Ground Vibration Testing of Large Aircraft - State-of-the-Art and Future Perspectives

Kurzfassung

A ground vibration test (GVT) on the prototype of a new aircraft is often regarded as necessary to update the mathematical model of the aircraft in order to make reliable flutter predictions for flight tests. Due to very high development costs for such aircraft, the goal is to strive for a significantly shorter testing time by simultaneously increasing the amount and quality of the test data. In the past, the duration of such GVTs was reduced significantly due to the combined application of the phase resonance method (sine-dwell) and phase separation techniques instead of using only the time consuming phase resonance method for modal identification (extraction of mode shapes, frequencies and damping parameters).

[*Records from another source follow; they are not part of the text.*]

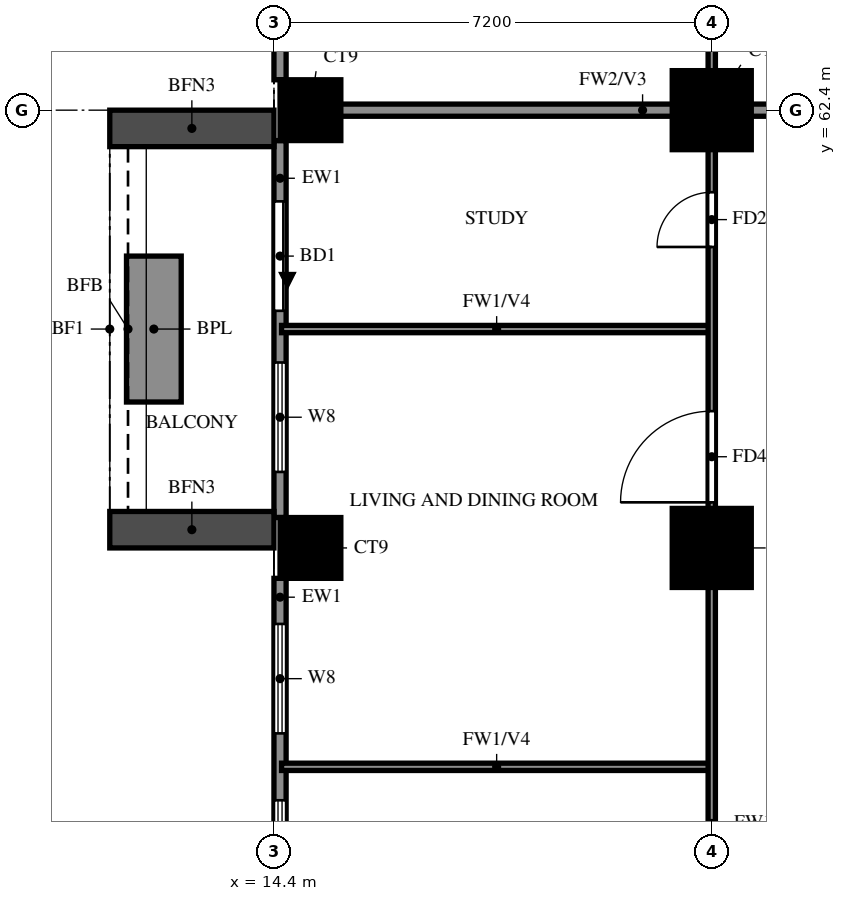
"""IFC4 building model, lengths in metres.
Left out: names, types, materials, properties, quantities, classifications, styles, units other than length and angle.
Written with IfcOpenShell. Run it as: python <this file> out.ifc"""

import sys

from ifc_helpers import new_model, si_unit, direction, frame, frame_2d, origin, origin_2d, place, context, subcontext, project, spatial, rectangle, extrude, source, transform, mapped, element, fill, save


model = new_model("IFC4")
c1 = context("Model", 3, precision=1e-05, world=origin(), true_north=direction((0.0, 1.0)))
c2 = subcontext(c1, "Body", "Model", "MODEL_VIEW")
j1 = project(units=[si_unit("LENGTHUNIT", "METRE"), si_unit("PLANEANGLEUNIT", "RADIAN")], contexts=[c1])
p1 = place(None, origin())
s1 = spatial("IfcSite", under=j1, at=p1, CompositionType="ELEMENT")
p2 = place(p1, origin())
s2 = spatial("IfcBuilding", under=s1, at=p2, CompositionType="ELEMENT")
p3 = place(p2, frame((0.0, 0.0, 90.0)))
s3 = spatial("IfcBuildingStorey", under=s2, at=p3, CompositionType="ELEMENT", Elevation=90.0)
m1 = source(origin(), c2, "Body", "SweptSolid", [
    extrude(rectangle(XDim=1.0, YDim=1.0, at=origin_2d()), origin(), (0.0, 0.0, 1.0), 3.18),
])
p4 = place(p3, frame((15.0, 55.2, 0.0), z_axis=(0.0, 0.0, 1.0), x_axis=(1.0, 0.0, 0.0)))
e1 = element("IfcColumn", 1, at=p4, inside=s3, PredefinedType="COLUMN", context=c2, shape_type="MappedRepresentation", body=[
    mapped(m1, transform((0.0, 0.0, 0.0))),
])
m2 = source(origin(), c2, "Body", "SweptSolid", [
    extrude(rectangle(XDim=1.3, YDim=1.3, at=origin_2d()), origin(), (0.0, 0.0, 1.0), 3.18),
])
p5 = place(p3, frame((21.6, 55.2, 0.0), z_axis=(0.0, 0.0, 1.0), x_axis=(1.0, 0.0, 0.0)))
e2 = element("IfcColumn", 2, at=p5, inside=s3, PredefinedType="COLUMN", context=c2, shape_type="MappedRepresentation", body=[
    mapped(m2, transform((0.0, 0.0, 0.0))),
])
p6 = place(p3, frame((15.0, 62.4, 0.0), z_axis=(0.0, 0.0, 1.0), x_axis=(1.0, 0.0, 0.0)))
e3 = element("IfcColumn", 3, at=p6, inside=s3, PredefinedType="COLUMN", context=c2, shape_type="MappedRepresentation", body=[
    mapped(m1, transform((0.0, 0.0, 0.0))),
])
p7 = place(p3, frame((21.6, 62.4, 0.0), z_axis=(0.0, 0.0, 1.0), x_axis=(1.0, 0.0, 0.0)))
e4 = element("IfcColumn", 4, at=p7, inside=s3, PredefinedType="COLUMN", context=c2, shape_type="MappedRepresentation", body=[
    mapped(m2, transform((0.0, 0.0, 0.0))),
])
p8 = place(p3, frame((14.5, 69.1, 0.0), z_axis=(0.0, 0.0, 1.0), x_axis=(0.0, -1.0, 0.0)))
e5 = element("IfcWall", 5, at=p8, inside=s3, PredefinedType="SOLIDWALL", context=c2, shape_type="SweptSolid", body=[
    extrude(rectangle(XDim=6.2, YDim=0.2, at=frame_2d((3.1, 0.0))), origin(), (0.0, 0.0, 1.0), 3.18),
])
p9 = place(p8, frame((3.65, 0.0, 0.6)))
e6 = element("IfcOpeningElement", 6, at=p9, cuts=e5, PredefinedType="OPENING", context=c2, shape_type="SweptSolid", body=[
    extrude(rectangle(XDim=1.8, YDim=2.4, at=frame_2d((0.9, 1.2))), frame((0.0, 0.11, 0.0), z_axis=(0.0, -1.0, 0.0), x_axis=(1.0, 0.0, 0.0)), (0.0, 0.0, 1.0), 0.22),
])
p10 = place(p8, frame((1.2, 0.0, 1.5)))
e7 = element("IfcOpeningElement", 7, at=p10, cuts=e5, PredefinedType="OPENING", context=c2, shape_type="SweptSolid", body=[
    extrude(rectangle(XDim=0.9, YDim=0.9, at=frame_2d((0.45, 0.45))), frame((0.0, 0.11, 0.0), z_axis=(0.0, -1.0, 0.0), x_axis=(1.0, 0.0, 0.0)), (0.0, 0.0, 1.0), 0.22),
])
p11 = place(p3, frame((14.5, 61.9, 0.0), z_axis=(0.0, 0.0, 1.0), x_axis=(0.0, -1.0, 0.0)))
e8 = element("IfcWall", 8, at=p11, inside=s3, PredefinedType="SOLIDWALL", context=c2, shape_type="SweptSolid", body=[
    extrude(rectangle(XDim=6.2, YDim=0.2, at=frame_2d((3.1, 0.0))), origin(), (0.0, 0.0, 1.0), 3.18),
])
p12 = place(p11, frame((1.0, 0.0, 0.0)))
e9 = element("IfcOpeningElement", 9, at=p12, cuts=e8, PredefinedType="OPENING", context=c2, shape_type="SweptSolid", body=[
    extrude(rectangle(XDim=1.8, YDim=2.4, at=frame_2d((0.9, 1.2))), frame((0.0, 0.11, 0.0), z_axis=(0.0, -1.0, 0.0), x_axis=(1.0, 0.0, 0.0)), (0.0, 0.0, 1.0), 0.22),
])
p13 = place(p11, frame((3.65, 0.0, 0.6)))
e10 = element("IfcOpeningElement", 10, at=p13, cuts=e8, PredefinedType="OPENING", context=c2, shape_type="SweptSolid", body=[
    extrude(rectangle(XDim=1.8, YDim=2.4, at=frame_2d((0.9, 1.2))), frame((0.0, 0.11, 0.0), z_axis=(0.0, -1.0, 0.0), x_axis=(1.0, 0.0, 0.0)), (0.0, 0.0, 1.0), 0.22),
])
p14 = place(p3, frame((14.5, 54.7, 0.0), z_axis=(0.0, 0.0, 1.0), x_axis=(0.0, -1.0, 0.0)))
e11 = element("IfcWall", 11, at=p14, inside=s3, PredefinedType="SOLIDWALL", context=c2, shape_type="SweptSolid", body=[
    extrude(rectangle(XDim=6.2, YDim=0.2, at=frame_2d((3.1, 0.0))), origin(), (0.0, 0.0, 1.0), 3.18),
])
p15 = place(p14, frame((3.65, 0.0, 0.6)))
e12 = element("IfcOpeningElement", 12, at=p15, cuts=e11, PredefinedType="OPENING", context=c2, shape_type="SweptSolid", body=[
    extrude(rectangle(XDim=1.8, YDim=2.4, at=frame_2d((0.9, 1.2))), frame((0.0, 0.11, 0.0), z_axis=(0.0, -1.0, 0.0), x_axis=(1.0, 0.0, 0.0)), (0.0, 0.0, 1.0), 0.22),
])
p16 = place(p14, frame((0.75, 0.0, 0.6)))
e13 = element("IfcOpeningElement", 13, at=p16, cuts=e11, PredefinedType="OPENING", context=c2, shape_type="SweptSolid", body=[
    extrude(rectangle(XDim=1.8, YDim=2.4, at=frame_2d((0.9, 1.2))), frame((0.0, 0.11, 0.0), z_axis=(0.0, -1.0, 0.0), x_axis=(1.0, 0.0, 0.0)), (0.0, 0.0, 1.0), 0.22),
])
for number, where, z_axis, x_axis in (
    (14, (14.4, 62.1, 0.0), (0.0, 0.0, 1.0), (-1.0, 0.0, 0.0)),
    (15, (14.4, 55.5, 0.0), (0.0, 0.0, 1.0), (-1.0, 0.0, 0.0)),
):
    element("IfcWall", number, at=place(p3, frame(where, z_axis=z_axis, x_axis=x_axis)), inside=s3, PredefinedType="SOLIDWALL", context=c2, shape_type="SweptSolid", body=[
        extrude(rectangle(XDim=2.7, YDim=0.6, at=frame_2d((1.35, 0.0))), origin(), (0.0, 0.0, 1.0), 2.85),
    ])
p17 = place(p3, frame((12.425, 60.0, 0.0), z_axis=(0.0, 0.0, 1.0), x_axis=(0.0, -1.0, 0.0)))
e16 = element("IfcWall", 16, at=p17, inside=s3, PredefinedType="SOLIDWALL", context=c2, shape_type="SweptSolid", body=[
    extrude(rectangle(XDim=2.4, YDim=0.9, at=frame_2d((1.2, 0.0))), origin(), (0.0, 0.0, 1.0), 0.9),
])
p18 = place(p3, frame((14.525, 62.4, 0.0), z_axis=(0.0, 0.0, 1.0), x_axis=(1.0, 0.0, 0.0)))
e17 = element("IfcWall", 17, at=p18, inside=s3, PredefinedType="SOLIDWALL", context=c2, shape_type="SweptSolid", body=[
    extrude(rectangle(XDim=11.875, YDim=0.2, at=frame_2d((5.938, 0.0))), origin(), (0.0, 0.0, 1.0), 3.18),
])
for number, where, z_axis, x_axis in (
    (18, (14.525, 51.6, 0.0), (0.0, 0.0, 1.0), (1.0, 0.0, 0.0)),
    (19, (14.525, 58.8, 0.0), (0.0, 0.0, 1.0), (1.0, 0.0, 0.0)),
):
    element("IfcWall", number, at=place(p3, frame(where, z_axis=z_axis, x_axis=x_axis)), inside=s3, PredefinedType="PARTITIONING", context=c2, shape_type="SweptSolid", body=[
        extrude(rectangle(XDim=7.075, YDim=0.12, at=frame_2d((3.538, 0.0))), origin(), (0.0, 0.0, 1.0), 2.28),
    ])
p19 = place(p3, frame((21.6, 33.725, 0.0), z_axis=(0.0, 0.0, 1.0), x_axis=(0.0, 1.0, 0.0)))
e20 = element("IfcWall", 20, at=p19, inside=s3, PredefinedType="PARTITIONING", context=c2, shape_type="SweptSolid", body=[
    extrude(rectangle(XDim=32.275, YDim=0.12, at=frame_2d((16.137, 0.0))), origin(), (0.0, 0.0, 1.0), 3.18),
])
p20 = place(p19, frame((7.775, 0.0, 0.0)))
e21 = element("IfcOpeningElement", 21, at=p20, cuts=e20, PredefinedType="OPENING", context=c2, shape_type="SweptSolid", body=[
    extrude(rectangle(XDim=0.9, YDim=2.1, at=frame_2d((0.45, 1.05))), frame((0.0, 0.07, 0.0), z_axis=(0.0, -1.0, 0.0), x_axis=(1.0, 0.0, 0.0)), (0.0, 0.0, 1.0), 0.14),
])
p21 = place(p19, frame((15.625, 0.0, 0.0)))
e22 = element("IfcOpeningElement", 22, at=p21, cuts=e20, PredefinedType="OPENING", context=c2, shape_type="SweptSolid", body=[
    extrude(rectangle(XDim=0.9, YDim=2.1, at=frame_2d((0.45, 1.05))), frame((0.0, 0.07, 0.0), z_axis=(0.0, -1.0, 0.0), x_axis=(1.0, 0.0, 0.0)), (0.0, 0.0, 1.0), 0.14),
])
p22 = place(p19, frame((22.225, 0.0, 0.0)))
e23 = element("IfcOpeningElement", 23, at=p22, cuts=e20, PredefinedType="OPENING", context=c2, shape_type="SweptSolid", body=[
    extrude(rectangle(XDim=1.5, YDim=2.1, at=frame_2d((0.75, 1.05))), frame((0.0, 0.07, 0.0), z_axis=(0.0, -1.0, 0.0), x_axis=(1.0, 0.0, 0.0)), (0.0, 0.0, 1.0), 0.14),
])
p23 = place(p19, frame((26.425, 0.0, 0.0)))
e24 = element("IfcOpeningElement", 24, at=p23, cuts=e20, PredefinedType="OPENING", context=c2, shape_type="SweptSolid", body=[
    extrude(rectangle(XDim=0.9, YDim=2.1, at=frame_2d((0.45, 1.05))), frame((0.0, 0.07, 0.0), z_axis=(0.0, -1.0, 0.0), x_axis=(1.0, 0.0, 0.0)), (0.0, 0.0, 1.0), 0.14),
])
p24 = place(p19, frame((30.025, 0.0, 0.0)))
e25 = element("IfcOpeningElement", 25, at=p24, cuts=e20, PredefinedType="OPENING", context=c2, shape_type="SweptSolid", body=[
    extrude(rectangle(XDim=0.9, YDim=2.1, at=frame_2d((0.45, 1.05))), frame((0.0, 0.07, 0.0), z_axis=(0.0, -1.0, 0.0), x_axis=(1.0, 0.0, 0.0)), (0.0, 0.0, 1.0), 0.14),
])
p25 = place(p12, origin())
e26 = element("IfcDoor", 26, at=p25, inside=s3, OperationType="DOUBLE_DOOR_SLIDING", PredefinedType="DOOR", context=c2, shape_type="SweptSolid", body=[
    extrude(rectangle(XDim=1.8, YDim=2.4, at=frame_2d((0.9, 1.2))), frame((0.0, 0.025, 0.0), z_axis=(0.0, -1.0, 0.0), x_axis=(1.0, 0.0, 0.0)), (0.0, 0.0, 1.0), 0.05),
])
fill(e9, e26)
p26 = place(p13, origin())
e27 = element("IfcWindow", 27, at=p26, inside=s3, PartitioningType="DOUBLE_PANEL_VERTICAL", PredefinedType="WINDOW", context=c2, shape_type="SweptSolid", body=[
    extrude(rectangle(XDim=1.8, YDim=2.4, at=frame_2d((0.9, 1.2))), frame((0.0, 0.03, 0.0), z_axis=(0.0, -1.0, 0.0), x_axis=(1.0, 0.0, 0.0)), (0.0, 0.0, 1.0), 0.06),
])
fill(e10, e27)
p27 = place(p15, origin())
e28 = element("IfcWindow", 28, at=p27, inside=s3, PartitioningType="DOUBLE_PANEL_VERTICAL", PredefinedType="WINDOW", context=c2, shape_type="SweptSolid", body=[
    extrude(rectangle(XDim=1.8, YDim=2.4, at=frame_2d((0.9, 1.2))), frame((0.0, 0.03, 0.0), z_axis=(0.0, -1.0, 0.0), x_axis=(1.0, 0.0, 0.0)), (0.0, 0.0, 1.0), 0.06),
])
fill(e12, e28)
p28 = place(p16, origin())
e29 = element("IfcWindow", 29, at=p28, inside=s3, PartitioningType="DOUBLE_PANEL_VERTICAL", PredefinedType="WINDOW", context=c2, shape_type="SweptSolid", body=[
    extrude(rectangle(XDim=1.8, YDim=2.4, at=frame_2d((0.9, 1.2))), frame((0.0, 0.03, 0.0), z_axis=(0.0, -1.0, 0.0), x_axis=(1.0, 0.0, 0.0)), (0.0, 0.0, 1.0), 0.06),
])
fill(e13, e29)
p29 = place(p22, origin())
e30 = element("IfcDoor", 30, at=p29, inside=s3, OperationType="SINGLE_SWING_RIGHT", PredefinedType="DOOR", context=c2, shape_type="SweptSolid", body=[
    extrude(rectangle(XDim=1.5, YDim=2.1, at=frame_2d((0.75, 1.05))), frame((0.0, 0.025, 0.0), z_axis=(0.0, -1.0, 0.0), x_axis=(1.0, 0.0, 0.0)), (0.0, 0.0, 1.0), 0.05),
])
fill(e23, e30)
p30 = place(p23, origin())
e31 = element("IfcDoor", 31, at=p30, inside=s3, OperationType="SINGLE_SWING_LEFT", PredefinedType="DOOR", context=c2, shape_type="SweptSolid", body=[
    extrude(rectangle(XDim=0.9, YDim=2.1, at=frame_2d((0.45, 1.05))), frame((0.0, 0.025, 0.0), z_axis=(0.0, -1.0, 0.0), x_axis=(1.0, 0.0, 0.0)), (0.0, 0.0, 1.0), 0.05),
])
fill(e24, e31)
save(model, sys.argv[1])

This switch in test philosophy, including the application of a sufficient amount of equipment, caused a reduction in testing time of large aircraft by 1/3. Nowadays, the application of the common GVT strategy is more or less a standard process, depending on the size of the investigated structure. Nevertheless, the scope of requirements of the aircraft manufacturers regarding the test program has increased in the last years in order to cover new issues like passenger comfort, fan-blade-off (wind-milling) or aero-servo-elasticity within the same time-window as for the modal identification topic during past GVTs. Mid-term improvements are continuously achieved due to test strategy improvements or enhanced soft- and hardware developments. However, a great leap with respect to test time reduction, quality enhancement and cost efficiency can only be made if the complete aeroelastics process is taken into account. Thus, it must be scrutinized if the classical GVT will play the same role in the future within the aeroelastics process as nowadays or if equivalent data required for aircraft certification can also be gained from other tests which are performed anyway during aircraft development. In this paper the advanced GVT strategy of the transnational ONERA and DLR team is presented. After that, midterm improvements are shown which are related directly to the test strategy issue. A vision with respect to ground vibration testing in the future, which will have a significant effect on the complete aeroelastics process, is discussed and will complete this publication.